• Location:
    Plymouth, United Kingdom
  • Schools Attended:
    Arts University Plymouth
About Josh Huxham

Josh Huxham (b. 1996) is a photographic artist based in Plymouth, UK. His work explores grief, trauma, memory, and the fragile tension between what is remembered and what is lost. Drawing on the psychological and material properties of photography, he approaches the archive as both evidence and wound: a site where absence becomes visible and the past remains active within the present.

His graduate project, SILENCE (2017), reworked family photographs through reprinting, distressing, and reconstruction. Rooted in personal experience, the series transformed the family archive into a fractured space where suppressed histories could surface. Through acts of material intervention, the work sought not to restore the past, but to confront its lingering presence.

In METANOIA (2018), Huxham turned his attention to photography’s material foundations. Through experimental processes and reconstructed surfaces, images were destabilised and remade, challenging assumptions about perception, truth, and photographic certainty. The work explored how meaning emerges not only from what photographs depict, but from the conditions through which they are produced and experienced.
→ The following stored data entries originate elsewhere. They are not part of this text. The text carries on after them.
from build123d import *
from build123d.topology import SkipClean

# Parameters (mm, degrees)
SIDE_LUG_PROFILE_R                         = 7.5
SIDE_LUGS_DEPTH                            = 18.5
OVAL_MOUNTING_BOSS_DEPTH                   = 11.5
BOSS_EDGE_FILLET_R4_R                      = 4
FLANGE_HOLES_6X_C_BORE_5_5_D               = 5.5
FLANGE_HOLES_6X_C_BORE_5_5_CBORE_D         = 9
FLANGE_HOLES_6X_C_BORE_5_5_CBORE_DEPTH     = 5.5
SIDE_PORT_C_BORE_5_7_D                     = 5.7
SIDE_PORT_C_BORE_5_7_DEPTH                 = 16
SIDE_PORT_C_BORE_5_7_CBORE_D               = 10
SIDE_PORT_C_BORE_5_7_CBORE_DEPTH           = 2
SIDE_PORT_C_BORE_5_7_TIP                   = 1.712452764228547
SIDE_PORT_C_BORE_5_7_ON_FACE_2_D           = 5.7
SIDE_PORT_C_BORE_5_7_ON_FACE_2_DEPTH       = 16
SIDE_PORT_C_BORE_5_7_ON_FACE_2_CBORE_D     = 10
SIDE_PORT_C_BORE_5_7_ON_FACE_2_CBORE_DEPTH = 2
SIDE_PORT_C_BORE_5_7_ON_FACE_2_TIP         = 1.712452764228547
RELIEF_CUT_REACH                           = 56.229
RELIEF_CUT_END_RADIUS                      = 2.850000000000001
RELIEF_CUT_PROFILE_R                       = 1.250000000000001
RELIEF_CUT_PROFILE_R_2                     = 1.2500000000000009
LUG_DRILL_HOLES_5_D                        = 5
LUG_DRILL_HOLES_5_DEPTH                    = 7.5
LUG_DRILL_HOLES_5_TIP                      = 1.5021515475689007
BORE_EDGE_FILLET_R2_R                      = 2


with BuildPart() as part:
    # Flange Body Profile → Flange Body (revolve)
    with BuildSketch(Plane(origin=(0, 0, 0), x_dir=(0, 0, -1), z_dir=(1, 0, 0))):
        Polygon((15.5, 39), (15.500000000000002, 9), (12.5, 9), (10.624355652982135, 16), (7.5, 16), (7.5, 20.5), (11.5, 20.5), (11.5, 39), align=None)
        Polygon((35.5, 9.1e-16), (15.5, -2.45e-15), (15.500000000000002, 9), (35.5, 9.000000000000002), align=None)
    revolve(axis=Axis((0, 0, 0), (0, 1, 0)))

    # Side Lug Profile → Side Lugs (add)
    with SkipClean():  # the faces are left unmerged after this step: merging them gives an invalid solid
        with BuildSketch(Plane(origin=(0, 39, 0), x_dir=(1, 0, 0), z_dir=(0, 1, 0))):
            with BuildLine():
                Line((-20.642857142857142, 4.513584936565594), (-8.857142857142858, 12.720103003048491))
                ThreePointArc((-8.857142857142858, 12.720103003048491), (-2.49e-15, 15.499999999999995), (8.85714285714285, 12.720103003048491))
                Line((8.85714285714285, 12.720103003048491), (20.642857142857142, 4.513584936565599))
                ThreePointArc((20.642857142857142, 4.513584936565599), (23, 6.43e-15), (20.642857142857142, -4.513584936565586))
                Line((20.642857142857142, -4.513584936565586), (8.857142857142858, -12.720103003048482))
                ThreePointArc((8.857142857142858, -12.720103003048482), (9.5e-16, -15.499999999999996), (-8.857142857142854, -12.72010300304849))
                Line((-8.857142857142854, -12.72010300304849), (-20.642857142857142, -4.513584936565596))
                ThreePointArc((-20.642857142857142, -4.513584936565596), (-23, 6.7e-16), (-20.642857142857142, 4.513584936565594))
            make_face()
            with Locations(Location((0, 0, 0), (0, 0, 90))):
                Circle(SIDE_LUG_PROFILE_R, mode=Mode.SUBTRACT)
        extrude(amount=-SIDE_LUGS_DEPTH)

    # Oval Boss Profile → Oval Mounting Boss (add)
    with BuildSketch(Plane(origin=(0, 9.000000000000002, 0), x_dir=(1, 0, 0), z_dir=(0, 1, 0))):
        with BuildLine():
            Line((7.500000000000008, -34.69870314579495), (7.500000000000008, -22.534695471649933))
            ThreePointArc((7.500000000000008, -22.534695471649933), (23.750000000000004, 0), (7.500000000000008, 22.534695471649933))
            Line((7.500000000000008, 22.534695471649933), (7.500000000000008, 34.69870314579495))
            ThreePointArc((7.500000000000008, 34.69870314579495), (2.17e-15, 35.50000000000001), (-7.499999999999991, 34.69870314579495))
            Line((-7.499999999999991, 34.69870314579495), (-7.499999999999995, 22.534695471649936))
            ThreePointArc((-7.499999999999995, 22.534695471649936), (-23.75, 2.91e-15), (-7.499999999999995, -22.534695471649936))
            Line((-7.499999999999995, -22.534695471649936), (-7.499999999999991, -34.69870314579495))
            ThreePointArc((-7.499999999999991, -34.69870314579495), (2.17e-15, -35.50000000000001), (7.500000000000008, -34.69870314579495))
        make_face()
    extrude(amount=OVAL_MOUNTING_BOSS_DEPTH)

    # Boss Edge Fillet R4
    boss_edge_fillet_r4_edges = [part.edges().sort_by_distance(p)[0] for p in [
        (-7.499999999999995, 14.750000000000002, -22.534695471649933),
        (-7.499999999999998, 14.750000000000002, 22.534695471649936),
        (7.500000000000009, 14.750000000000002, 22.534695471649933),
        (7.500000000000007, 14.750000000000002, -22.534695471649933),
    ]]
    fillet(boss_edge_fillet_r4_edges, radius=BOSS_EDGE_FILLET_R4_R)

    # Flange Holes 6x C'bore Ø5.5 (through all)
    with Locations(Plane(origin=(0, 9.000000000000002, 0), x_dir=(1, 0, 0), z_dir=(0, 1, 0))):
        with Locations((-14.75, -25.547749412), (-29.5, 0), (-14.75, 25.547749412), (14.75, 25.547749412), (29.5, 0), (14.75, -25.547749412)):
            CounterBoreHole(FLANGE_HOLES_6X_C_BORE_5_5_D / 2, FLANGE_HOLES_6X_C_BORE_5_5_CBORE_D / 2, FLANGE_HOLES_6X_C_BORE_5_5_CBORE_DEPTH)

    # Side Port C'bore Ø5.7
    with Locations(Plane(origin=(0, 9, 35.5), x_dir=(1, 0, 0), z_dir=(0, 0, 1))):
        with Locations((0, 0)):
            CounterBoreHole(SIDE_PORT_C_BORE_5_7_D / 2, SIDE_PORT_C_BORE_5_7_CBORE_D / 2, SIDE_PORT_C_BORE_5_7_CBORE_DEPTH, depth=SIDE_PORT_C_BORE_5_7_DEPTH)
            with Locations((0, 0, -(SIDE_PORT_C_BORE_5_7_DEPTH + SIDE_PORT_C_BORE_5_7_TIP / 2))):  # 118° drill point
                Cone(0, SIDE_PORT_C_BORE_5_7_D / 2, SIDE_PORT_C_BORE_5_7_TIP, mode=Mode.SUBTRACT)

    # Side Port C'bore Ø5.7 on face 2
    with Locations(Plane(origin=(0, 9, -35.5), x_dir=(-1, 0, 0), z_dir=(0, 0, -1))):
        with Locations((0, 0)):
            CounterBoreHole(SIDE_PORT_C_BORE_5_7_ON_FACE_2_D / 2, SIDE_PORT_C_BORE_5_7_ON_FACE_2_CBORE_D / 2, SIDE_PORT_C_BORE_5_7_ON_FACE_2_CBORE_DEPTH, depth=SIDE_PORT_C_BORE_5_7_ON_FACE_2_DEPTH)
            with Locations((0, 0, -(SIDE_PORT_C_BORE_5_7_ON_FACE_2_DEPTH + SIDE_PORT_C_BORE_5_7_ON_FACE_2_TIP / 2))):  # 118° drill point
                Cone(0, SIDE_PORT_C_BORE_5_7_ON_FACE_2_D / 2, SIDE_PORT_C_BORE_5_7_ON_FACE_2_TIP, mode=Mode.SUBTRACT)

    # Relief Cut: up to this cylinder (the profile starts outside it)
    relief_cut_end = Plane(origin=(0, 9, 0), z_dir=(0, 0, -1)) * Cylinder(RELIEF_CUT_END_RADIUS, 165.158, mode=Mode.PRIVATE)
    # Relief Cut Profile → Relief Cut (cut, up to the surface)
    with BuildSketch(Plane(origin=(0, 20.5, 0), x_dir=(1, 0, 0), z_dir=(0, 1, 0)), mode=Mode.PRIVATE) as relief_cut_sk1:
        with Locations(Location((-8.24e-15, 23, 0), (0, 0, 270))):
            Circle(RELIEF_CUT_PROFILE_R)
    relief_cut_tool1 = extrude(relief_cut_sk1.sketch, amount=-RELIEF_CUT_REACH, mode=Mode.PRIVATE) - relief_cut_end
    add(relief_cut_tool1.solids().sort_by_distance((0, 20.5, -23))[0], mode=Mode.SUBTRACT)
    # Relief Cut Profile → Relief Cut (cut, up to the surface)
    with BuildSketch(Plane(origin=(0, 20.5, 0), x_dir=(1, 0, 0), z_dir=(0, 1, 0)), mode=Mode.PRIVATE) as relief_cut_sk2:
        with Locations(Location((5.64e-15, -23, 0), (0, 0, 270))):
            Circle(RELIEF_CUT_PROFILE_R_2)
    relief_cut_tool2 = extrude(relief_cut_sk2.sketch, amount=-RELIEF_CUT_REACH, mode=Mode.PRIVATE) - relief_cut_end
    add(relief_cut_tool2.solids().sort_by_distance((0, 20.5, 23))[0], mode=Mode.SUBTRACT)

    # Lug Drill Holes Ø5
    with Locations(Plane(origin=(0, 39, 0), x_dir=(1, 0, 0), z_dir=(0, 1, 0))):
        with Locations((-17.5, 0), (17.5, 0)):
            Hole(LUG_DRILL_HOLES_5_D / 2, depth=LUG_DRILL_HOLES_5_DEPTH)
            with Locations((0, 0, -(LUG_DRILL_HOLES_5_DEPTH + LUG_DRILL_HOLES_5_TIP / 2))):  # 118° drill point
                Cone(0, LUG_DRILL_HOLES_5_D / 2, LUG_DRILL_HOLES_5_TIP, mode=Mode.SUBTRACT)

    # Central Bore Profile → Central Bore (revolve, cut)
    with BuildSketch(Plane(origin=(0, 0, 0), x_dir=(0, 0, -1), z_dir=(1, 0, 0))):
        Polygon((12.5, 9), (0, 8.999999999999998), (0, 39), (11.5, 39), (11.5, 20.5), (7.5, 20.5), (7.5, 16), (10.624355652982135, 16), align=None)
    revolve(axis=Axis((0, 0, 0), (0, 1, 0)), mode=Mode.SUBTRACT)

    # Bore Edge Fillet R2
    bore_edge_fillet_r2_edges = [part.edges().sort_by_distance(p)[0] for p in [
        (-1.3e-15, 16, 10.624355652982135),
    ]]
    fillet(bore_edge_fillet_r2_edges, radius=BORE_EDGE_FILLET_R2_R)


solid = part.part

His most recent series, CONVERSATIONS WITH LIGHT (2025), returns to the archive through the photographic slides of his late grandfather. By scanning, rephotographing, and reimagining these fragile transparencies, Huxham enters into a dialogue across generations, tracing an inherited way of seeing while reflecting on memory, loss, and the impossibility of fully knowing those who came before us. In doing so, the work holds presence and disappearance in quiet tension.

Across his practice, photography becomes a process of return, transformation, and repair. Through reconstruction, fragmentation, and material intervention, Huxham creates spaces where memory can be revisited, unsettled, and reimagined, allowing photographs to function not as fixed records, but as living sites of encounter between past and present.